Arun Gandhi, the peace activist and grandson of Mahatma Gandhi, speaks at the Kenner Lecture on Cultural Understanding and Tolerance on Tuesday, Feb. 7, 2017, in Baker Hall. Gandhi reminded his audience of the need for peace and nonviolence in our globalizing world. (Maxim Beard/B&W Staff)

Q&A: Kenner Lecture Speaker Arun Gandhi talks nonviolence, anger and peace


Arun Gandhi, the grandson of Mahatma Gandhi, was this year’s Kenner Lecture speaker. Arun Gandhi sat down with The Brown and White for a brief question and answer session. A recap of the lecture can be found here.

Q: After living with your grandfather for 18 months, what were the most important lessons you learned?

Arun Gandhi: I think the first most important lesson is understanding anger and using that energy constructively and intelligently.

Harvard University recently did a study finding that anger generated more than 80 percent of the violence in our personal lives as well as in our national lives. If we can harvest anger and use that energy constructively we would reduce violence by almost 80 percent.

That is something I think we need to do because today we don’t want to talk about anger. If we don’t teach it, we just allow everyone to find their own way with dealing with anger, and the result is that we all end up abusing it. So we need to take this seriously and start teaching children right from kindergarten all the way to high school and even beyond about understanding anger.

The second lesson I think was very important was understanding the philosophy of nonviolence.

I always thought that nonviolence is not fighting with anyone, but I learned from grandfather that is one part of the definition. The main part is understanding how we commit violence every day and this happened through the story of a little pencil.

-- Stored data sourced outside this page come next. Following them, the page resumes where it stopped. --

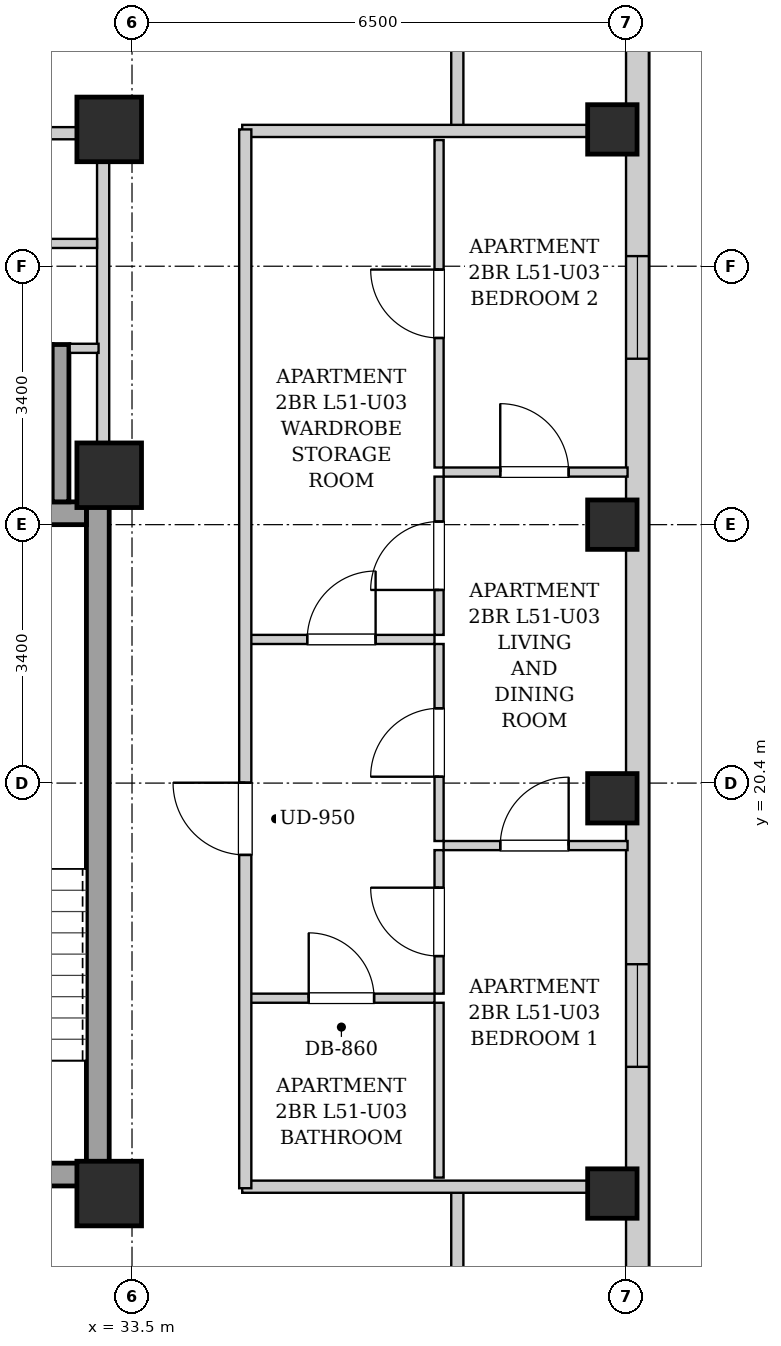
"""IFC4 building model, lengths in metres.
Left out: names, types, materials, properties, quantities, classifications, styles, units other than length and angle.
Written with IfcOpenShell. Run it as: python <this file> out.ifc"""

import sys

from ifc_helpers import new_model, si_unit, direction, frame, frame_2d, origin, origin_2d, place, context, subcontext, project, spatial, rectangle, extrude, element, fill, save


model = new_model("IFC4")
c1 = context("Model", 3, precision=1e-05, world=origin(), true_north=direction((0.0, 1.0)))
c2 = subcontext(c1, "Body", "Model", "MODEL_VIEW")
j1 = project(units=[si_unit("LENGTHUNIT", "METRE"), si_unit("PLANEANGLEUNIT", "RADIAN")], contexts=[c1])
p1 = place(None, origin())
s1 = spatial("IfcSite", under=j1, at=p1, CompositionType="ELEMENT")
p2 = place(p1, origin())
s2 = spatial("IfcBuilding", under=s1, at=p2, CompositionType="ELEMENT")
p3 = place(p2, frame((0.0, 0.0, 177.7)))
s3 = spatial("IfcBuildingStorey", under=s2, at=p3, CompositionType="ELEMENT", Elevation=177.7)
for number, where, z_axis, x_axis in (
    (1, (39.82, 15.0, 0.0), (0.0, 0.0, 1.0), (1.0, 0.0, 0.0)),
    (2, (39.82, 20.2, 0.0), (0.0, 0.0, 1.0), (1.0, 0.0, 0.0)),
    (3, (39.82, 23.8, 0.0), (0.0, 0.0, 1.0), (1.0, 0.0, 0.0)),
    (4, (39.82, 29.0, 0.0), (0.0, 0.0, 1.0), (1.0, 0.0, 0.0)),
):
    element("IfcColumn", number, at=place(p3, frame(where, z_axis=z_axis, x_axis=x_axis)), inside=s3, PredefinedType="COLUMN", context=c2, shape_type="SweptSolid", body=[
        extrude(rectangle(XDim=0.65, YDim=0.65, at=origin_2d()), origin(), (0.0, 0.0, 1.0), 3.3),
    ])
for number, where, z_axis, x_axis in (
    (5, (33.2, 15.0, 0.0), (0.0, 0.0, 1.0), (1.0, 0.0, 0.0)),
    (6, (33.2, 29.0, 0.0), (0.0, 0.0, 1.0), (1.0, 0.0, 0.0)),
    (7, (33.2, 24.45, 0.0), (0.0, 0.0, 1.0), (1.0, 0.0, 0.0)),
):
    element("IfcColumn", number, at=place(p3, frame(where, z_axis=z_axis, x_axis=x_axis)), inside=s3, PredefinedType="COLUMN", context=c2, shape_type="SweptSolid", body=[
        extrude(rectangle(XDim=0.85, YDim=0.85, at=origin_2d()), origin(), (0.0, 0.0, 1.0), 3.3),
    ])
p4 = place(p3, frame((40.15, 37.7, 0.0), z_axis=(0.0, 0.0, 1.0), x_axis=(0.0, -1.0, 0.0)))
e8 = element("IfcWall", 8, at=p4, inside=s3, PredefinedType="SOLIDWALL", context=c2, shape_type="SweptSolid", body=[
    extrude(rectangle(XDim=31.4, YDim=0.3, at=frame_2d((15.7, 0.0))), origin(), (0.0, 0.0, 1.0), 3.04),
])
p5 = place(p4, frame((28.396, 0.0, 0.55)))
e9 = element("IfcOpeningElement", 9, at=p5, cuts=e8, PredefinedType="OPENING", context=c2, shape_type="SweptSolid", body=[
    extrude(rectangle(XDim=1.35, YDim=1.2, at=frame_2d((0.675, 0.6))), frame((0.0, 0.16, 0.0), z_axis=(0.0, -1.0, 0.0), x_axis=(1.0, 0.0, 0.0)), (0.0, 0.0, 1.0), 0.32),
])
p6 = place(p4, frame((1.653, 0.0, 0.55)))
e10 = element("IfcOpeningElement", 10, at=p6, cuts=e8, PredefinedType="OPENING", context=c2, shape_type="SweptSolid", body=[
    extrude(rectangle(XDim=1.35, YDim=1.2, at=frame_2d((0.675, 0.6))), frame((0.0, 0.16, 0.0), z_axis=(0.0, -1.0, 0.0), x_axis=(1.0, 0.0, 0.0)), (0.0, 0.0, 1.0), 0.32),
])
p7 = place(p4, frame((19.683, 0.0, 0.55)))
e11 = element("IfcOpeningElement", 11, at=p7, cuts=e8, PredefinedType="OPENING", context=c2, shape_type="SweptSolid", body=[
    extrude(rectangle(XDim=1.35, YDim=1.2, at=frame_2d((0.675, 0.6))), frame((0.0, 0.16, 0.0), z_axis=(0.0, -1.0, 0.0), x_axis=(1.0, 0.0, 0.0)), (0.0, 0.0, 1.0), 0.32),
])
p8 = place(p4, frame((10.367, 0.0, 0.55)))
e12 = element("IfcOpeningElement", 12, at=p8, cuts=e8, PredefinedType="OPENING", context=c2, shape_type="SweptSolid", body=[
    extrude(rectangle(XDim=1.35, YDim=1.2, at=frame_2d((0.675, 0.6))), frame((0.0, 0.16, 0.0), z_axis=(0.0, -1.0, 0.0), x_axis=(1.0, 0.0, 0.0)), (0.0, 0.0, 1.0), 0.32),
])
p9 = place(p3, frame((33.05, 15.1, 0.0), z_axis=(0.0, 0.0, 1.0), x_axis=(0.0, 1.0, 0.0)))
e13 = element("IfcWall", 13, at=p9, inside=s3, PredefinedType="SHEAR", context=c2, shape_type="SweptSolid", body=[
    extrude(rectangle(XDim=9.0, YDim=0.3, at=frame_2d((4.5, 0.0))), origin(), (0.0, 0.0, 1.0), 3.04),
])
p10 = place(p3, frame((30.05, 23.95, 0.0), z_axis=(0.0, 0.0, 1.0), x_axis=(1.0, 0.0, 0.0)))
e14 = element("IfcWall", 14, at=p10, inside=s3, PredefinedType="SHEAR", context=c2, shape_type="SweptSolid", body=[
    extrude(rectangle(XDim=2.85, YDim=0.3, at=frame_2d((1.425, 0.0))), origin(), (0.0, 0.0, 1.0), 3.04),
])
p11 = place(p3, frame((30.05, 15.25, 0.0), z_axis=(0.0, 0.0, 1.0), x_axis=(1.0, 0.0, 0.0)))
e15 = element("IfcWall", 15, at=p11, inside=s3, PredefinedType="SHEAR", context=c2, shape_type="SweptSolid", body=[
    extrude(rectangle(XDim=2.85, YDim=0.3, at=frame_2d((1.425, 0.0))), origin(), (0.0, 0.0, 1.0), 3.04),
])
p12 = place(p11, frame((0.86, 0.0, 0.0)))
e16 = element("IfcOpeningElement", 16, at=p12, cuts=e15, PredefinedType="OPENING", context=c2, shape_type="SweptSolid", body=[
    extrude(rectangle(XDim=1.1, YDim=2.05, at=frame_2d((0.55, 1.025))), frame((0.0, 0.16, 0.0), z_axis=(0.0, -1.0, 0.0), x_axis=(1.0, 0.0, 0.0)), (0.0, 0.0, 1.0), 0.32),
])
p13 = place(p3, frame((32.56, 24.1, 0.0), z_axis=(0.0, 0.0, 1.0), x_axis=(0.0, 1.0, 0.0)))
e17 = element("IfcWall", 17, at=p13, inside=s3, PredefinedType="SHEAR", context=c2, shape_type="SweptSolid", body=[
    extrude(rectangle(XDim=2.07, YDim=0.22, at=frame_2d((1.035, 0.0))), origin(), (0.0, 0.0, 1.0), 3.04),
])
p14 = place(p3, frame((33.12, 24.12, 0.0), z_axis=(0.0, 0.0, 1.0), x_axis=(0.0, 1.0, 0.0)))
e18 = element("IfcWall", 18, at=p14, inside=s3, PredefinedType="PARTITIONING", context=c2, shape_type="SweptSolid", body=[
    extrude(rectangle(XDim=4.76, YDim=0.16, at=frame_2d((2.38, 0.0))), origin(), (0.0, 0.0, 1.0), 2.375),
])
p15 = place(p3, frame((32.68, 26.12, 0.0), z_axis=(0.0, 0.0, 1.0), x_axis=(1.0, 0.0, 0.0)))
e19 = element("IfcWall", 19, at=p15, inside=s3, PredefinedType="PARTITIONING", context=c2, shape_type="SweptSolid", body=[
    extrude(rectangle(XDim=0.38, YDim=0.12, at=frame_2d((0.19, 0.0))), origin(), (0.0, 0.0, 1.0), 3.04),
])
p16 = place(p3, frame((30.12, 27.5, 0.0), z_axis=(0.0, 0.0, 1.0), x_axis=(1.0, 0.0, 0.0)))
e20 = element("IfcWall", 20, at=p16, inside=s3, PredefinedType="PARTITIONING", context=c2, shape_type="SweptSolid", body=[
    extrude(rectangle(XDim=2.92, YDim=0.12, at=frame_2d((1.46, 0.0))), origin(), (0.0, 0.0, 1.0), 3.04),
])
p17 = place(p16, frame((0.97, 0.0, 0.0)))
e21 = element("IfcOpeningElement", 21, at=p17, cuts=e20, PredefinedType="OPENING", context=c2, shape_type="SweptSolid", body=[
    extrude(rectangle(XDim=0.86, YDim=2.05, at=frame_2d((0.43, 1.025))), frame((0.0, 0.07, 0.0), z_axis=(0.0, -1.0, 0.0), x_axis=(1.0, 0.0, 0.0)), (0.0, 0.0, 1.0), 0.14),
])
p18 = place(p3, frame((25.72, 28.95, 0.0), z_axis=(0.0, 0.0, 1.0), x_axis=(1.0, 0.0, 0.0)))
e22 = element("IfcWall", 22, at=p18, inside=s3, PredefinedType="PARTITIONING", context=c2, shape_type="SweptSolid", body=[
    extrude(rectangle(XDim=7.32, YDim=0.16, at=frame_2d((3.66, 0.0))), origin(), (0.0, 0.0, 1.0), 2.556),
])
p19 = place(p18, frame((1.27, 0.0, 0.0)))
e23 = element("IfcOpeningElement", 23, at=p19, cuts=e22, PredefinedType="OPENING", context=c2, shape_type="SweptSolid", body=[
    extrude(rectangle(XDim=0.86, YDim=2.05, at=frame_2d((0.43, 1.025))), frame((0.0, 0.09, 0.0), z_axis=(0.0, -1.0, 0.0), x_axis=(1.0, 0.0, 0.0)), (0.0, 0.0, 1.0), 0.18),
])
for number, where, z_axis, x_axis in (
    (24, (37.78, 13.51, 0.0), (0.0, 0.0, 1.0), (0.0, 1.0, 0.0)),
    (25, (37.78, 28.98, 0.0), (0.0, 0.0, 1.0), (0.0, 1.0, 0.0)),
):
    element("IfcWall", number, at=place(p3, frame(where, z_axis=z_axis, x_axis=x_axis)), inside=s3, PredefinedType="PARTITIONING", context=c2, shape_type="SweptSolid", body=[
        extrude(rectangle(XDim=1.58, YDim=0.16, at=frame_2d((0.79, 0.0))), origin(), (0.0, 0.0, 1.0), 3.04),
    ])
for number, where, z_axis, x_axis in (
    (26, (34.95, 15.09, 0.0), (0.0, 0.0, 1.0), (1.0, 0.0, 0.0)),
    (27, (34.95, 28.98, 0.0), (0.0, 0.0, 1.0), (1.0, 0.0, 0.0)),
):
    element("IfcWall", number, at=place(p3, frame(where, z_axis=z_axis, x_axis=x_axis)), inside=s3, PredefinedType="PARTITIONING", context=c2, shape_type="SweptSolid", body=[
        extrude(rectangle(XDim=5.07, YDim=0.16, at=frame_2d((2.535, 0.0))), origin(), (0.0, 0.0, 1.0), 2.556),
    ])
p20 = place(p3, frame((35.03, 22.29, 0.0), z_axis=(0.0, 0.0, 1.0), x_axis=(1.0, 0.0, 0.0)))
e28 = element("IfcWall", 28, at=p20, inside=s3, PredefinedType="PARTITIONING", context=c2, shape_type="SweptSolid", body=[
    extrude(rectangle(XDim=2.45, YDim=0.12, at=frame_2d((1.225, 0.0))), origin(), (0.0, 0.0, 1.0), 3.04),
])
p21 = place(p20, frame((0.775, 0.0, 0.0)))
e29 = element("IfcOpeningElement", 29, at=p21, cuts=e28, PredefinedType="OPENING", context=c2, shape_type="SweptSolid", body=[
    extrude(rectangle(XDim=0.9, YDim=2.05, at=frame_2d((0.45, 1.025))), frame((0.0, 0.07, 0.0), z_axis=(0.0, -1.0, 0.0), x_axis=(1.0, 0.0, 0.0)), (0.0, 0.0, 1.0), 0.14),
])
p22 = place(p3, frame((37.54, 22.35, 0.0), z_axis=(0.0, 0.0, 1.0), x_axis=(0.0, 1.0, 0.0)))
e30 = element("IfcWall", 30, at=p22, inside=s3, PredefinedType="PARTITIONING", context=c2, shape_type="SweptSolid", body=[
    extrude(rectangle(XDim=2.082, YDim=0.12, at=frame_2d((1.041, 0.0))), origin(), (0.0, 0.0, 1.0), 3.04),
])
p23 = place(p22, frame((0.591, 0.0, 0.0)))
e31 = element("IfcOpeningElement", 31, at=p23, cuts=e30, PredefinedType="OPENING", context=c2, shape_type="SweptSolid", body=[
    extrude(rectangle(XDim=0.9, YDim=2.05, at=frame_2d((0.45, 1.025))), frame((0.0, 0.07, 0.0), z_axis=(0.0, -1.0, 0.0), x_axis=(1.0, 0.0, 0.0)), (0.0, 0.0, 1.0), 0.14),
])
p24 = place(p3, frame((37.54, 24.552, 0.0), z_axis=(0.0, 0.0, 1.0), x_axis=(0.0, 1.0, 0.0)))
e32 = element("IfcWall", 32, at=p24, inside=s3, PredefinedType="PARTITIONING", context=c2, shape_type="SweptSolid", body=[
    extrude(rectangle(XDim=4.308, YDim=0.12, at=frame_2d((2.154, 0.0))), origin(), (0.0, 0.0, 1.0), 3.04),
])
p25 = place(p24, frame((1.704, 0.0, 0.0)))
e33 = element("IfcOpeningElement", 33, at=p25, cuts=e32, PredefinedType="OPENING", context=c2, shape_type="SweptSolid", body=[
    extrude(rectangle(XDim=0.9, YDim=2.05, at=frame_2d((0.45, 1.025))), frame((0.0, 0.07, 0.0), z_axis=(0.0, -1.0, 0.0), x_axis=(1.0, 0.0, 0.0)), (0.0, 0.0, 1.0), 0.14),
])
p26 = place(p3, frame((35.03, 17.57, 0.0), z_axis=(0.0, 0.0, 1.0), x_axis=(1.0, 0.0, 0.0)))
e34 = element("IfcWall", 34, at=p26, inside=s3, PredefinedType="PARTITIONING", context=c2, shape_type="SweptSolid", body=[
    extrude(rectangle(XDim=2.45, YDim=0.12, at=frame_2d((1.225, 0.0))), origin(), (0.0, 0.0, 1.0), 3.04),
])
p27 = place(p26, frame((0.795, 0.0, 0.0)))
e35 = element("IfcOpeningElement", 35, at=p27, cuts=e34, PredefinedType="OPENING", context=c2, shape_type="SweptSolid", body=[
    extrude(rectangle(XDim=0.86, YDim=2.05, at=frame_2d((0.43, 1.025))), frame((0.0, 0.07, 0.0), z_axis=(0.0, -1.0, 0.0), x_axis=(1.0, 0.0, 0.0)), (0.0, 0.0, 1.0), 0.14),
])
p28 = place(p3, frame((37.54, 15.21, 0.0), z_axis=(0.0, 0.0, 1.0), x_axis=(0.0, 1.0, 0.0)))
e36 = element("IfcWall", 36, at=p28, inside=s3, PredefinedType="PARTITIONING", context=c2, shape_type="SweptSolid", body=[
    extrude(rectangle(XDim=2.3, YDim=0.12, at=frame_2d((1.15, 0.0))), origin(), (0.0, 0.0, 1.0), 3.04),
])
p29 = place(p3, frame((37.54, 17.63, 0.0), z_axis=(0.0, 0.0, 1.0), x_axis=(0.0, 1.0, 0.0)))
e37 = element("IfcWall", 37, at=p29, inside=s3, PredefinedType="PARTITIONING", context=c2, shape_type="SweptSolid", body=[
    extrude(rectangle(XDim=1.888, YDim=0.12, at=frame_2d((0.944, 0.0))), origin(), (0.0, 0.0, 1.0), 3.04),
])
p30 = place(p29, frame((0.494, 0.0, 0.0)))
e38 = element("IfcOpeningElement", 38, at=p30, cuts=e37, PredefinedType="OPENING", context=c2, shape_type="SweptSolid", body=[
    extrude(rectangle(XDim=0.9, YDim=2.05, at=frame_2d((0.45, 1.025))), frame((0.0, 0.07, 0.0), z_axis=(0.0, -1.0, 0.0), x_axis=(1.0, 0.0, 0.0)), (0.0, 0.0, 1.0), 0.14),
])
p31 = place(p3, frame((37.54, 19.638, 0.0), z_axis=(0.0, 0.0, 1.0), x_axis=(0.0, 1.0, 0.0)))
e39 = element("IfcWall", 39, at=p31, inside=s3, PredefinedType="PARTITIONING", context=c2, shape_type="SweptSolid", body=[
    extrude(rectangle(XDim=2.592, YDim=0.12, at=frame_2d((1.296, 0.0))), origin(), (0.0, 0.0, 1.0), 3.04),
])
p32 = place(p31, frame((0.846, 0.0, 0.0)))
e40 = element("IfcOpeningElement", 40, at=p32, cuts=e39, PredefinedType="OPENING", context=c2, shape_type="SweptSolid", body=[
    extrude(rectangle(XDim=0.9, YDim=2.05, at=frame_2d((0.45, 1.025))), frame((0.0, 0.07, 0.0), z_axis=(0.0, -1.0, 0.0), x_axis=(1.0, 0.0, 0.0)), (0.0, 0.0, 1.0), 0.14),
])
p33 = place(p3, frame((37.6, 19.578, 0.0), z_axis=(0.0, 0.0, 1.0), x_axis=(1.0, 0.0, 0.0)))
e41 = element("IfcWall", 41, at=p33, inside=s3, PredefinedType="PARTITIONING", context=c2, shape_type="SweptSolid", body=[
    extrude(rectangle(XDim=2.42, YDim=0.12, at=frame_2d((1.21, 0.0))), origin(), (0.0, 0.0, 1.0), 3.04),
])
p34 = place(p33, frame((0.745, 0.0, 0.0)))
e42 = element("IfcOpeningElement", 42, at=p34, cuts=e41, PredefinedType="OPENING", context=c2, shape_type="SweptSolid", body=[
    extrude(rectangle(XDim=0.9, YDim=2.05, at=frame_2d((0.45, 1.025))), frame((0.0, 0.07, 0.0), z_axis=(0.0, -1.0, 0.0), x_axis=(1.0, 0.0, 0.0)), (0.0, 0.0, 1.0), 0.14),
])
p35 = place(p3, frame((37.6, 24.492, 0.0), z_axis=(0.0, 0.0, 1.0), x_axis=(1.0, 0.0, 0.0)))
e43 = element("IfcWall", 43, at=p35, inside=s3, PredefinedType="PARTITIONING", context=c2, shape_type="SweptSolid", body=[
    extrude(rectangle(XDim=2.42, YDim=0.12, at=frame_2d((1.21, 0.0))), origin(), (0.0, 0.0, 1.0), 2.722),
])
p36 = place(p35, frame((0.745, 0.0, 0.0)))
e44 = element("IfcOpeningElement", 44, at=p36, cuts=e43, PredefinedType="OPENING", context=c2, shape_type="SweptSolid", body=[
    extrude(rectangle(XDim=0.9, YDim=2.05, at=frame_2d((0.45, 1.025))), frame((0.0, 0.07, 0.0), z_axis=(0.0, -1.0, 0.0), x_axis=(1.0, 0.0, 0.0)), (0.0, 0.0, 1.0), 0.14),
])
p37 = place(p3, frame((34.99, 15.07, 0.0), z_axis=(0.0, 0.0, 1.0), x_axis=(0.0, 1.0, 0.0)))
e45 = element("IfcWall", 45, at=p37, inside=s3, PredefinedType="PARTITIONING", context=c2, shape_type="SweptSolid", body=[
    extrude(rectangle(XDim=13.93, YDim=0.16, at=frame_2d((6.965, 0.0))), origin(), (0.0, 0.0, 1.0), 3.04),
])
p38 = place(p37, frame((4.385, 0.0, 0.0)))
e46 = element("IfcOpeningElement", 46, at=p38, cuts=e45, PredefinedType="OPENING", context=c2, shape_type="SweptSolid", body=[
    extrude(rectangle(XDim=0.95, YDim=2.1, at=frame_2d((0.475, 1.05))), frame((0.0, 0.09, 0.0), z_axis=(0.0, -1.0, 0.0), x_axis=(1.0, 0.0, 0.0)), (0.0, 0.0, 1.0), 0.18),
])
p39 = place(p21, origin())
e47 = element("IfcDoor", 47, at=p39, inside=s3, OperationType="SINGLE_SWING_RIGHT", PredefinedType="DOOR", context=c2, shape_type="SweptSolid", body=[
    extrude(rectangle(XDim=0.9, YDim=2.05, at=frame_2d((0.45, 1.025))), frame((0.0, 0.025, 0.0), z_axis=(0.0, -1.0, 0.0), x_axis=(1.0, 0.0, 0.0)), (0.0, 0.0, 1.0), 0.05),
])
fill(e29, e47)
p40 = place(p23, origin())
e48 = element("IfcDoor", 48, at=p40, inside=s3, OperationType="SINGLE_SWING_LEFT", PredefinedType="DOOR", context=c2, shape_type="SweptSolid", body=[
    extrude(rectangle(XDim=0.9, YDim=2.05, at=frame_2d((0.45, 1.025))), frame((0.0, 0.025, 0.0), z_axis=(0.0, -1.0, 0.0), x_axis=(1.0, 0.0, 0.0)), (0.0, 0.0, 1.0), 0.05),
])
fill(e31, e48)
p41 = place(p25, origin())
e49 = element("IfcDoor", 49, at=p41, inside=s3, OperationType="SINGLE_SWING_RIGHT", PredefinedType="DOOR", context=c2, shape_type="SweptSolid", body=[
    extrude(rectangle(XDim=0.9, YDim=2.05, at=frame_2d((0.45, 1.025))), frame((0.0, 0.025, 0.0), z_axis=(0.0, -1.0, 0.0), x_axis=(1.0, 0.0, 0.0)), (0.0, 0.0, 1.0), 0.05),
])
fill(e33, e49)
p42 = place(p27, origin())
e50 = element("IfcDoor", 50, at=p42, inside=s3, OperationType="SINGLE_SWING_LEFT", PredefinedType="DOOR", context=c2, shape_type="SweptSolid", body=[
    extrude(rectangle(XDim=0.86, YDim=2.05, at=frame_2d((0.43, 1.025))), frame((0.0, 0.025, 0.0), z_axis=(0.0, -1.0, 0.0), x_axis=(1.0, 0.0, 0.0)), (0.0, 0.0, 1.0), 0.05),
])
fill(e35, e50)
p43 = place(p30, origin())
e51 = element("IfcDoor", 51, at=p43, inside=s3, OperationType="SINGLE_SWING_RIGHT", PredefinedType="DOOR", context=c2, shape_type="SweptSolid", body=[
    extrude(rectangle(XDim=0.9, YDim=2.05, at=frame_2d((0.45, 1.025))), frame((0.0, 0.025, 0.0), z_axis=(0.0, -1.0, 0.0), x_axis=(1.0, 0.0, 0.0)), (0.0, 0.0, 1.0), 0.05),
])
fill(e38, e51)
p44 = place(p32, origin())
e52 = element("IfcDoor", 52, at=p44, inside=s3, OperationType="SINGLE_SWING_LEFT", PredefinedType="DOOR", context=c2, shape_type="SweptSolid", body=[
    extrude(rectangle(XDim=0.9, YDim=2.05, at=frame_2d((0.45, 1.025))), frame((0.0, 0.025, 0.0), z_axis=(0.0, -1.0, 0.0), x_axis=(1.0, 0.0, 0.0)), (0.0, 0.0, 1.0), 0.05),
])
fill(e40, e52)
p45 = place(p34, origin())
e53 = element("IfcDoor", 53, at=p45, inside=s3, OperationType="SINGLE_SWING_RIGHT", PredefinedType="DOOR", context=c2, shape_type="SweptSolid", body=[
    extrude(rectangle(XDim=0.9, YDim=2.05, at=frame_2d((0.45, 1.025))), frame((0.0, 0.025, 0.0), z_axis=(0.0, -1.0, 0.0), x_axis=(1.0, 0.0, 0.0)), (0.0, 0.0, 1.0), 0.05),
])
fill(e42, e53)
p46 = place(p36, origin())
e54 = element("IfcDoor", 54, at=p46, inside=s3, OperationType="SINGLE_SWING_LEFT", PredefinedType="DOOR", context=c2, shape_type="SweptSolid", body=[
    extrude(rectangle(XDim=0.9, YDim=2.05, at=frame_2d((0.45, 1.025))), frame((0.0, 0.025, 0.0), z_axis=(0.0, -1.0, 0.0), x_axis=(1.0, 0.0, 0.0)), (0.0, 0.0, 1.0), 0.05),
])
fill(e44, e54)
p47 = place(p38, origin())
e55 = element("IfcDoor", 55, at=p47, inside=s3, OperationType="SINGLE_SWING_RIGHT", PredefinedType="DOOR", context=c2, shape_type="SweptSolid", body=[
    extrude(rectangle(XDim=0.95, YDim=2.1, at=frame_2d((0.475, 1.05))), frame((0.0, 0.025, 0.0), z_axis=(0.0, -1.0, 0.0), x_axis=(1.0, 0.0, 0.0)), (0.0, 0.0, 1.0), 0.05),
])
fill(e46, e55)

I was walking back home, and I threw this pencil away, and he made me go out and look for the pencil, but when I found it and brought it to him, that is when he told me that throwing away something so small like a pencil is an act of violence and that we are wasting resources.

I realized that passive violence is much more important than physical violence, because passive violence is the fuel that connects physical violence. This is why we need to be the change we wish to see. If we don’t change our habits, relationships, attitudes and wastefulness than we continue to fuel the physical violence.

Q: What inspires you to make an impact on the world around you?

AG: My experience with violence, especially when I was very young, was being touched with such hate and prejudice that I realized how society was eroding civilization. I realized that I should take the lessons I learned to the people to try to make a difference in their lives.

Q: What is one major principle that you live your life by?

AG: I try to live by nonviolence and try not to commit any passive or physical violence. I try to look for the truths, which is a very hard thing to do, but I do that as much as possible. I try to live a life full of compassion, love and respect.

Q: How do you foresee present-day students contributing to the peace process? What advice would you give the Lehigh community to foster a peaceful environment?

AG: We need to understand the definition of peace. For most people, peace is the absence of war or the absence of violence. This is not right, and this is not true because we commit violence in many ways that aren’t physical. A lot of people think peace is a destination and it’s not a place we can go. Peace is not a destination — peace is the way we live. We can create peace within ourselves or in this very moment.

Once we create peace within ourselves, there will be more peace all around us. There is not something beyond us but within us. We see ourselves selfish and self-centered and always trying to make the most money, but we don’t take much note of what is happening in the world.

This interview has been edited for length.